When you are suffering from drug or alcohol addiction, that addiction takes over your world and every waking moment. It never ends.
Case in point, I lived in the bushes on the side of the freeway and sometimes it would be a Caltrans worker who served as my morning alarm clock. And there would be the occasional policeman as well but, when you are homeless sleeping on the side of the freeway, most cops wouldn’t even bother trying to find out what was going on because they had no idea what they would be getting into, and consequently it was easier for them to just pretend they didn’t see anything and move along as opposed to get involved in an unknown situation.
And once again, I perceived myself as being free and living this idyllic life of absolute freedom. And I do not want people to misunderstand me-I knew I was an addict and I knew I had a drug and alcohol problem. But the lifestyle I was living was almost like the ultimate enabler to feed my habits, and I was smart enough to know how to get what I needed to get to get what I wanted to have. Under the guise and illusion of freedom it proved a dangerous mix.
The pros and cons of PCP
And while I mentioned numerous times about alcohol and drugs, I should elaborate that along with marijuana, I was doing LSD, PCP, and other much harder drugs. PCP in particular was a very, very different type of high. It would completely distort your sense of reality to “Alice in Wonderland” like proportions. With alcohol, it changes your sense of reality but you are still understand some semblance of reality. With PCP, it completely changed, altered, and obfuscated all semblance of reality to the point where you simply lost control of every frame of reality. I remember one time while I was under the influence of PCP, I was sitting on a curb and felt like I was 3 inches tall. And as these cars drove by, to me it looked like they were moving a million miles per hour and to me, looked like blurs going by, and since I felt(and probably thought I was only 3 inches tall), I was petrified to move.
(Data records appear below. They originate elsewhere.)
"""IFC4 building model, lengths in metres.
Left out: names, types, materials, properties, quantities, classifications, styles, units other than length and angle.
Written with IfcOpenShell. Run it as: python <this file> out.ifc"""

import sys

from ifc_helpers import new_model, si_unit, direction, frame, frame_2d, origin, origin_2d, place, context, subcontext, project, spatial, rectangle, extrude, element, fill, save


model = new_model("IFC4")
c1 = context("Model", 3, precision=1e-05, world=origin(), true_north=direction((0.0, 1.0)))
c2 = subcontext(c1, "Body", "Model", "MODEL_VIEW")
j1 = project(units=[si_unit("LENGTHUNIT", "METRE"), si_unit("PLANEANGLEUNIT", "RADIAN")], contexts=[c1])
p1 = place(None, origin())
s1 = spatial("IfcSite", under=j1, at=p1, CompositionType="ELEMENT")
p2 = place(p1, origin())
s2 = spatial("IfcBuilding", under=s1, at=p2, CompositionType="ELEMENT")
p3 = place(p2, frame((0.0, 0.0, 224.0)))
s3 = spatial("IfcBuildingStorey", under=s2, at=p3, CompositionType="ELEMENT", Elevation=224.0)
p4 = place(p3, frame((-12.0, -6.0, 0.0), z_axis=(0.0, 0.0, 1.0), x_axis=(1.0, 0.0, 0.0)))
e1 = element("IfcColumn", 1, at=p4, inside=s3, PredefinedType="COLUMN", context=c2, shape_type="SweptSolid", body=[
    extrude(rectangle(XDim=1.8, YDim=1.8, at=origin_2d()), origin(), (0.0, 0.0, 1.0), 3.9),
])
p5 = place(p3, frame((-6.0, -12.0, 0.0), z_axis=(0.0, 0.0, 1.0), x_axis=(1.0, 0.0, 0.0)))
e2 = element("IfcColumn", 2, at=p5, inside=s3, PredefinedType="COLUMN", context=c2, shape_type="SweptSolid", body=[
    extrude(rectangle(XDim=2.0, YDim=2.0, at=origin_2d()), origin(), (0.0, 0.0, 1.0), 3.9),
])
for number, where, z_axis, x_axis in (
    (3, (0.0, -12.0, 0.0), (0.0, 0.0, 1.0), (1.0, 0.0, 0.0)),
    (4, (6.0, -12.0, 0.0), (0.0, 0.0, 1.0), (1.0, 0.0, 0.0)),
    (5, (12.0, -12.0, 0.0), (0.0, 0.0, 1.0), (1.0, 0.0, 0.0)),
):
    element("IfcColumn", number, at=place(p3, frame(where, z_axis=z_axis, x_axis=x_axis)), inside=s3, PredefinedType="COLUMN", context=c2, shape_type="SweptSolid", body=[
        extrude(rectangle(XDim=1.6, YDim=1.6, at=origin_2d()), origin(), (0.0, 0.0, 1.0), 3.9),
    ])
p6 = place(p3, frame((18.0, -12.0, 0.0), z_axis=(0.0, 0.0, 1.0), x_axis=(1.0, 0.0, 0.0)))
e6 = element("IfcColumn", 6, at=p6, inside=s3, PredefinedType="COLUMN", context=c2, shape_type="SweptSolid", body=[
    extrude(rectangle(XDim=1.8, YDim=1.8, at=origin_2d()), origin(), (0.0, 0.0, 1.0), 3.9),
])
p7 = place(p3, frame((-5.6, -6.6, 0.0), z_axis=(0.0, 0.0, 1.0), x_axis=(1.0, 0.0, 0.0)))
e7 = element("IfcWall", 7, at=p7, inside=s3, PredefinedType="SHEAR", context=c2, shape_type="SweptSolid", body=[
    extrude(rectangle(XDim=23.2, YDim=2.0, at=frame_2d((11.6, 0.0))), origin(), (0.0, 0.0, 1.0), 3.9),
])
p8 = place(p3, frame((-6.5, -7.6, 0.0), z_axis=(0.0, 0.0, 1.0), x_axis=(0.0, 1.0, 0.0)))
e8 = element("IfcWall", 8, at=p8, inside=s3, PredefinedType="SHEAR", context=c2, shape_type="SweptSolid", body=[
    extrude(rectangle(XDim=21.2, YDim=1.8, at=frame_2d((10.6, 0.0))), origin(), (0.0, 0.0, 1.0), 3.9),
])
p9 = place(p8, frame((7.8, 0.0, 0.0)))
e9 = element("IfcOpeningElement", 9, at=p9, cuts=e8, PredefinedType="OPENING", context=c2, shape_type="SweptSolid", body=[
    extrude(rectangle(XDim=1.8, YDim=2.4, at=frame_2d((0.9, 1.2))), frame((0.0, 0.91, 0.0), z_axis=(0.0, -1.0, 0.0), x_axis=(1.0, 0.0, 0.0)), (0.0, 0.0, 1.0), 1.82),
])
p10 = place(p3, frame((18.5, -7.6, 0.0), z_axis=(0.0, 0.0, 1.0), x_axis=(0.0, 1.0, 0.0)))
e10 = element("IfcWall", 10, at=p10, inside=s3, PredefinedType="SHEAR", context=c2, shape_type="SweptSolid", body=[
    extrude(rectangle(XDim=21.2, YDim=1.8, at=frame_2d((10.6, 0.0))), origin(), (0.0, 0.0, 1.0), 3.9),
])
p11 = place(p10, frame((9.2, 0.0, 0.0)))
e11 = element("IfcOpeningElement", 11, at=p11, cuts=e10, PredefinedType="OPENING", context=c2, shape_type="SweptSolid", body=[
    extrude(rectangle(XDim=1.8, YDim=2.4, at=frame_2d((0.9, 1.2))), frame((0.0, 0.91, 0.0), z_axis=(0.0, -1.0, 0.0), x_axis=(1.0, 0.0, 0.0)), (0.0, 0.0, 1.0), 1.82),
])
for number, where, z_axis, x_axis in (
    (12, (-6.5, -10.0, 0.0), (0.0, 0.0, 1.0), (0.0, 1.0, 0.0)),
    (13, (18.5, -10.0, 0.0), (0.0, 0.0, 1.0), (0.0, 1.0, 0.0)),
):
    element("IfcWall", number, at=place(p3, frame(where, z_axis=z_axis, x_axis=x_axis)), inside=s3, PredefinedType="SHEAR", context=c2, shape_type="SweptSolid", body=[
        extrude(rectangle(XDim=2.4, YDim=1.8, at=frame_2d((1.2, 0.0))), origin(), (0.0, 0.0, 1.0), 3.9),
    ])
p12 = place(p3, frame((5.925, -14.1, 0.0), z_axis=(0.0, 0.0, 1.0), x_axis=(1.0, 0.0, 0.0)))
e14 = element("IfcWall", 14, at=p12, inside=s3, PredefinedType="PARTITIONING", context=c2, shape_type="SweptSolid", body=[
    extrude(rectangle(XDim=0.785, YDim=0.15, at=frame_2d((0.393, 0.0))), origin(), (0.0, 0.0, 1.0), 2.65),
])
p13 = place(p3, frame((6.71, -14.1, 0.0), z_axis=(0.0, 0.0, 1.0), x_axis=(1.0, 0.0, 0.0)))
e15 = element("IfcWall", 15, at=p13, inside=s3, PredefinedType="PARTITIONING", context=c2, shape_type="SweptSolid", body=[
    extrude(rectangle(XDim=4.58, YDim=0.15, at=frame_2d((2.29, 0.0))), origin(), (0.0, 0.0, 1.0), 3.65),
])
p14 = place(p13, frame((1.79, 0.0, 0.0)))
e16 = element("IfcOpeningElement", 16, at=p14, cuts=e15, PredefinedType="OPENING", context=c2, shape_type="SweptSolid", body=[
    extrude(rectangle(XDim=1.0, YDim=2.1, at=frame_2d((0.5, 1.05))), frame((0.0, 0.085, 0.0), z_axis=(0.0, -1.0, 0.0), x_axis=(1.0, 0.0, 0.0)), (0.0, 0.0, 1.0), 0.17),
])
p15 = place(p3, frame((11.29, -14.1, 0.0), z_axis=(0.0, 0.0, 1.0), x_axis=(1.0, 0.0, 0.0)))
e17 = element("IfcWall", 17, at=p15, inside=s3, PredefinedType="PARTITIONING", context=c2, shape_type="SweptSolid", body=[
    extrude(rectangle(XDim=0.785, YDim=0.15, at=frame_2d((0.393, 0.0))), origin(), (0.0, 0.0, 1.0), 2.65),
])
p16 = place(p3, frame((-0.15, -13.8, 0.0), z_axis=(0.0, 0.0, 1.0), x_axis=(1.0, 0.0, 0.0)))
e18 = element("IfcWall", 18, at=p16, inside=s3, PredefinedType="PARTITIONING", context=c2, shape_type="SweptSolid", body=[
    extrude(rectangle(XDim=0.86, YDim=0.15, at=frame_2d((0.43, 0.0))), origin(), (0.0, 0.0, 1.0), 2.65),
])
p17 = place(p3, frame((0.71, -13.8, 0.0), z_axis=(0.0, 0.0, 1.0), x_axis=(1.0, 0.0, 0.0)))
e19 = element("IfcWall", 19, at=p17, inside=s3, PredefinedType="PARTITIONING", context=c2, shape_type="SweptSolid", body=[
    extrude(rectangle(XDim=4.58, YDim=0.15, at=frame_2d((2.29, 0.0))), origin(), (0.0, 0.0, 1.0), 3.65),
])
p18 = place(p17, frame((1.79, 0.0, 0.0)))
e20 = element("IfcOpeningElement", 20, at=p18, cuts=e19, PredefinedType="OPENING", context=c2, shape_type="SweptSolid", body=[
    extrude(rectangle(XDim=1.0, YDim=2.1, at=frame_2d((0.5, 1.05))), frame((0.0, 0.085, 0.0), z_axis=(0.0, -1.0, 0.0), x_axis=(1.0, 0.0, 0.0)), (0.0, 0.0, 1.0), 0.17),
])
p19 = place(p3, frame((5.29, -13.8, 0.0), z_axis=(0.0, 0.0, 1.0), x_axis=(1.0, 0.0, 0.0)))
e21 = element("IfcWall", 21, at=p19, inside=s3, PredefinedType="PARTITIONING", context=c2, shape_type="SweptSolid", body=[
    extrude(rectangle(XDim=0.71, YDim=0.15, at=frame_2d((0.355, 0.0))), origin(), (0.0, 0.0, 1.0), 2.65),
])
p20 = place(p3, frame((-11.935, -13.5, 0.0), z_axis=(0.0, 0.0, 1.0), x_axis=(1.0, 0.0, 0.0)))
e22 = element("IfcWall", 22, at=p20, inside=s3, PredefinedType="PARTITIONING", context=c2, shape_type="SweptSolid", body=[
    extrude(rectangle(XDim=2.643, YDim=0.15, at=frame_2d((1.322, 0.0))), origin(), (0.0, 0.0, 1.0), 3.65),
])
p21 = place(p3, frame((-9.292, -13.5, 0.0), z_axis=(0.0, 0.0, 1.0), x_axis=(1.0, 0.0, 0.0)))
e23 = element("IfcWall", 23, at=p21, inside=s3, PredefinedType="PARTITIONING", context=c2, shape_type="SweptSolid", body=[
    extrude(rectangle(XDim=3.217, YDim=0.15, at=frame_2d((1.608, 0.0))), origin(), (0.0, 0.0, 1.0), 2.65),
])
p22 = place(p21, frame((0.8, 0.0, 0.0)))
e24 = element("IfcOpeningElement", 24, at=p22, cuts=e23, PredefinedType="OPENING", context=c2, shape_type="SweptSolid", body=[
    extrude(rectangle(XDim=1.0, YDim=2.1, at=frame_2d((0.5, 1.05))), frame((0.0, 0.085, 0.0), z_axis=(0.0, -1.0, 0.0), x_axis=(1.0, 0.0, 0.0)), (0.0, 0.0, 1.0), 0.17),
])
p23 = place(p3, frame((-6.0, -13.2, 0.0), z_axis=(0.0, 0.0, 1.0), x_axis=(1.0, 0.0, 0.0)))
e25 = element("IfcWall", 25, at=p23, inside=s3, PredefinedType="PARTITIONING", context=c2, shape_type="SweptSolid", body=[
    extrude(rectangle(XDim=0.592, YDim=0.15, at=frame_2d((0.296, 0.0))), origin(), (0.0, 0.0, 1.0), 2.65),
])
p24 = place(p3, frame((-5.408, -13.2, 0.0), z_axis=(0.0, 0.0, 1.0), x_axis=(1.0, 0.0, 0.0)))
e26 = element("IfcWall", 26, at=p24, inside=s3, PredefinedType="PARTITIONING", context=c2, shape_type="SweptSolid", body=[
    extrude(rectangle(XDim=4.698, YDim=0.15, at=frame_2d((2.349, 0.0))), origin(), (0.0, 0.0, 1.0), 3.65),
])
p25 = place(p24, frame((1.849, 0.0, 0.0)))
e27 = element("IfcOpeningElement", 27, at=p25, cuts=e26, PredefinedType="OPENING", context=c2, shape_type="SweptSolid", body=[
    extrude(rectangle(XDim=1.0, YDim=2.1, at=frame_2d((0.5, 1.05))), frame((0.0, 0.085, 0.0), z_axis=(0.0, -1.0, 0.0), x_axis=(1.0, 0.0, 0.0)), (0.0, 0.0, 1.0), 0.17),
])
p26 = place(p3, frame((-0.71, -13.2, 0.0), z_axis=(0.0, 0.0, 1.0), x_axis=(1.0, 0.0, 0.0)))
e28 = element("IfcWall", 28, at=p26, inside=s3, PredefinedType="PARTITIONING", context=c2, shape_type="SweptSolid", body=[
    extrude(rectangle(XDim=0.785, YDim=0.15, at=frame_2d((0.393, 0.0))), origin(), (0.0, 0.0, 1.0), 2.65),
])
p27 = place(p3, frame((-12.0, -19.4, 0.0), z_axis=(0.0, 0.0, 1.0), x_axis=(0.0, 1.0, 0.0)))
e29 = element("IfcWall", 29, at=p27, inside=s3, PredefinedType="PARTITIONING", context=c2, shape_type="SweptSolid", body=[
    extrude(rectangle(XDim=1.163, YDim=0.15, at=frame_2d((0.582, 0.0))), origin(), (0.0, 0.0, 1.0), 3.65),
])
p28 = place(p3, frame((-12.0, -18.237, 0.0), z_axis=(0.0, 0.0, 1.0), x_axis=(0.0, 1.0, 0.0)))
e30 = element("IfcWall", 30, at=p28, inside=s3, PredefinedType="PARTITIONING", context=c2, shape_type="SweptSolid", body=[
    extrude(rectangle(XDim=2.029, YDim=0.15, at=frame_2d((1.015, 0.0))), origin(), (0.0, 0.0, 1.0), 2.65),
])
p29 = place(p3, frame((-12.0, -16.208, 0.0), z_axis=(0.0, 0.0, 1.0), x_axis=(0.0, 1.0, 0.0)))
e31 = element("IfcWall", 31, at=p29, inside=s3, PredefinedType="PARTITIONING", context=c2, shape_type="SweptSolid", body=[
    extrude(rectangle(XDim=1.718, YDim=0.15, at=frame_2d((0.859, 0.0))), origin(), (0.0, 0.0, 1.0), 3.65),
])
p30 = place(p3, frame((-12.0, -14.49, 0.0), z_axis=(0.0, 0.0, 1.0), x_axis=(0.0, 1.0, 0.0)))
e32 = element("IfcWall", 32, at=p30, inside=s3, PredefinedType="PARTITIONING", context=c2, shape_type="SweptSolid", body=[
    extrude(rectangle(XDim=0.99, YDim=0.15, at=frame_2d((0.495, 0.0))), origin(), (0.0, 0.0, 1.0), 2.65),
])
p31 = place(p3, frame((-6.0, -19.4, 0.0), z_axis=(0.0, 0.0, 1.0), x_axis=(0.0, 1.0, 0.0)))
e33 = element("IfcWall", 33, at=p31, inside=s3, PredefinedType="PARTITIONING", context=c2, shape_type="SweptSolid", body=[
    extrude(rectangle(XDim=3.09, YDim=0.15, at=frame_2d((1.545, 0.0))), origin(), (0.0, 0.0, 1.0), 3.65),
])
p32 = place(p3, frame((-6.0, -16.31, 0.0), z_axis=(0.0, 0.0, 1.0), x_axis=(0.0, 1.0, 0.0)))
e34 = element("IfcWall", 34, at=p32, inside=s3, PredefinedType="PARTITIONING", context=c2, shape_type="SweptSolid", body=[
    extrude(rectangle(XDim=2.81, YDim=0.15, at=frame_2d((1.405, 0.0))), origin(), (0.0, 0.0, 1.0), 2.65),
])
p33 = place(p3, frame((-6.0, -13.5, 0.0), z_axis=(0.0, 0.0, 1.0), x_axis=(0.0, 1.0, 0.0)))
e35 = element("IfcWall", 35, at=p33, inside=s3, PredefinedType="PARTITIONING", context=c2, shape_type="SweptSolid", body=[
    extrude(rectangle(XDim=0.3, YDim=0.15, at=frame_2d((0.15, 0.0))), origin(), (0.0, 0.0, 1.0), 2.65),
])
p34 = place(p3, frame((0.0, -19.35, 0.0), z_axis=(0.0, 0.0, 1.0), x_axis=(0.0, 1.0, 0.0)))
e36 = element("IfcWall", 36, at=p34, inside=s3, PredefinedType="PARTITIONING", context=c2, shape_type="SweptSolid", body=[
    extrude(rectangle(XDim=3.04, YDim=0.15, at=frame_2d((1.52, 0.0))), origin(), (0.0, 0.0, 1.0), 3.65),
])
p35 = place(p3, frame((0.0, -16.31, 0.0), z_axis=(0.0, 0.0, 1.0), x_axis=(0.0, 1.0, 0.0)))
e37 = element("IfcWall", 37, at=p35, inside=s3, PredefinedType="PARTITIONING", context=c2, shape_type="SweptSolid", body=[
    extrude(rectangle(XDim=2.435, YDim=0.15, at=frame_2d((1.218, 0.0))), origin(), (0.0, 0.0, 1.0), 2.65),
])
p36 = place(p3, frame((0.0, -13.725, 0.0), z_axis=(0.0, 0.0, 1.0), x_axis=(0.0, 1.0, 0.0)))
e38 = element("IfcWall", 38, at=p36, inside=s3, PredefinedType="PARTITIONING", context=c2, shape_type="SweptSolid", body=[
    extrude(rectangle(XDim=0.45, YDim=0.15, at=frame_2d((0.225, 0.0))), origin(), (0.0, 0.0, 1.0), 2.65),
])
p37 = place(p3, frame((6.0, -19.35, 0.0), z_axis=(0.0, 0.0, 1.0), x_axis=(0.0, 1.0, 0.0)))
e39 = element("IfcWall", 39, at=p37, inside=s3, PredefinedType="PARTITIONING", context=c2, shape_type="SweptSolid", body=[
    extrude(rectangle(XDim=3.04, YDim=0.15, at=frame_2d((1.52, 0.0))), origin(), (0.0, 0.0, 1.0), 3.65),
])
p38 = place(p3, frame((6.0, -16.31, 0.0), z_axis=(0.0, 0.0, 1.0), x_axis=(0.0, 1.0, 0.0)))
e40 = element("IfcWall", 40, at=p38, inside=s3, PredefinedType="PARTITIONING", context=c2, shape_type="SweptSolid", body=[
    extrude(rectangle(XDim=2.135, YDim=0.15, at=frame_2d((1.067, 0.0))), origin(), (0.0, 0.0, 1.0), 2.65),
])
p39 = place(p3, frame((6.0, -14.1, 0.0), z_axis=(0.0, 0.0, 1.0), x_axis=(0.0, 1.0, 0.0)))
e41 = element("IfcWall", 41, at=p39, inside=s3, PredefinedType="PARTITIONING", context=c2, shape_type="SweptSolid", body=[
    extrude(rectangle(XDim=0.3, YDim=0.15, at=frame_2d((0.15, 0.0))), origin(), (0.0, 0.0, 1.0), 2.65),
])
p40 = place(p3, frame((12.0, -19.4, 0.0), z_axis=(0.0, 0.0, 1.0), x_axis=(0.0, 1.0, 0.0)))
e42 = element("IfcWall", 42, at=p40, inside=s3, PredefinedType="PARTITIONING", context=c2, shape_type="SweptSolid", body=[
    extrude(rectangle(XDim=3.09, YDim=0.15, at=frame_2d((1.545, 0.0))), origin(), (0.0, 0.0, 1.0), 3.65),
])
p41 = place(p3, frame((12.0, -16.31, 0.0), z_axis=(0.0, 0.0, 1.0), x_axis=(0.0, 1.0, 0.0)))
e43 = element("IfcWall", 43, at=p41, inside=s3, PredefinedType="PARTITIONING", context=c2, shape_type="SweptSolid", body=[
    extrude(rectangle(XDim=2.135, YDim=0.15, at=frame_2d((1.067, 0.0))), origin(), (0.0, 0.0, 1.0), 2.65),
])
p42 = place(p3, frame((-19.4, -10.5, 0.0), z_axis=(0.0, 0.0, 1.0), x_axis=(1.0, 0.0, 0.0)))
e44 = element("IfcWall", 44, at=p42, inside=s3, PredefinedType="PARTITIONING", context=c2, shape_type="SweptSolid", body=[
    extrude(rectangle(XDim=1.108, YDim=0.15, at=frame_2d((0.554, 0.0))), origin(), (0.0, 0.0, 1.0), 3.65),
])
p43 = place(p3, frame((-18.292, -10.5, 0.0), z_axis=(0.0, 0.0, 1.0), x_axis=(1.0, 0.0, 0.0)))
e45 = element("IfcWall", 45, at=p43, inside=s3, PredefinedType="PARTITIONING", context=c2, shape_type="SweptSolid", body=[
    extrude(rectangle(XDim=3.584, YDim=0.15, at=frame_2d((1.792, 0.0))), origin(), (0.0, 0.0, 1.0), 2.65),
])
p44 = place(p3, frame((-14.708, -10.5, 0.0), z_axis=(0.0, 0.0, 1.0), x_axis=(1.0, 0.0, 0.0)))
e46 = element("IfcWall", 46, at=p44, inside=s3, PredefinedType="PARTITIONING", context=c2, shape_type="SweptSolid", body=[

So even though the high of PCP was not enjoyable and I hated the feeling, as a drug addict I simply could not say no and continued to take part in an activity I hated and did not enjoy.
Cheap High Comes At a Price
You may ask why I still would take PCP, and the answer is that it was also the cheapest drug on the streets you could buy. So I could buy some PCP and then try to sell it, to make enough money to buy something more preferable and if that didn’t work out I could simply take the PCP. I mean, I had no qualms about that at all. It was simply another tool and strategy to life on the streets for someone with a hardcore drug addiction. And the mindset was as such, that even though I did not want to do it anymore-my brain simply would not let me do it. My brain simply overrode the heart in doing what was right. And sometimes getting arrested was a positive in that it gave me time to clean up and focus and try again to remain clean. It never worked though…at least not for long anyways.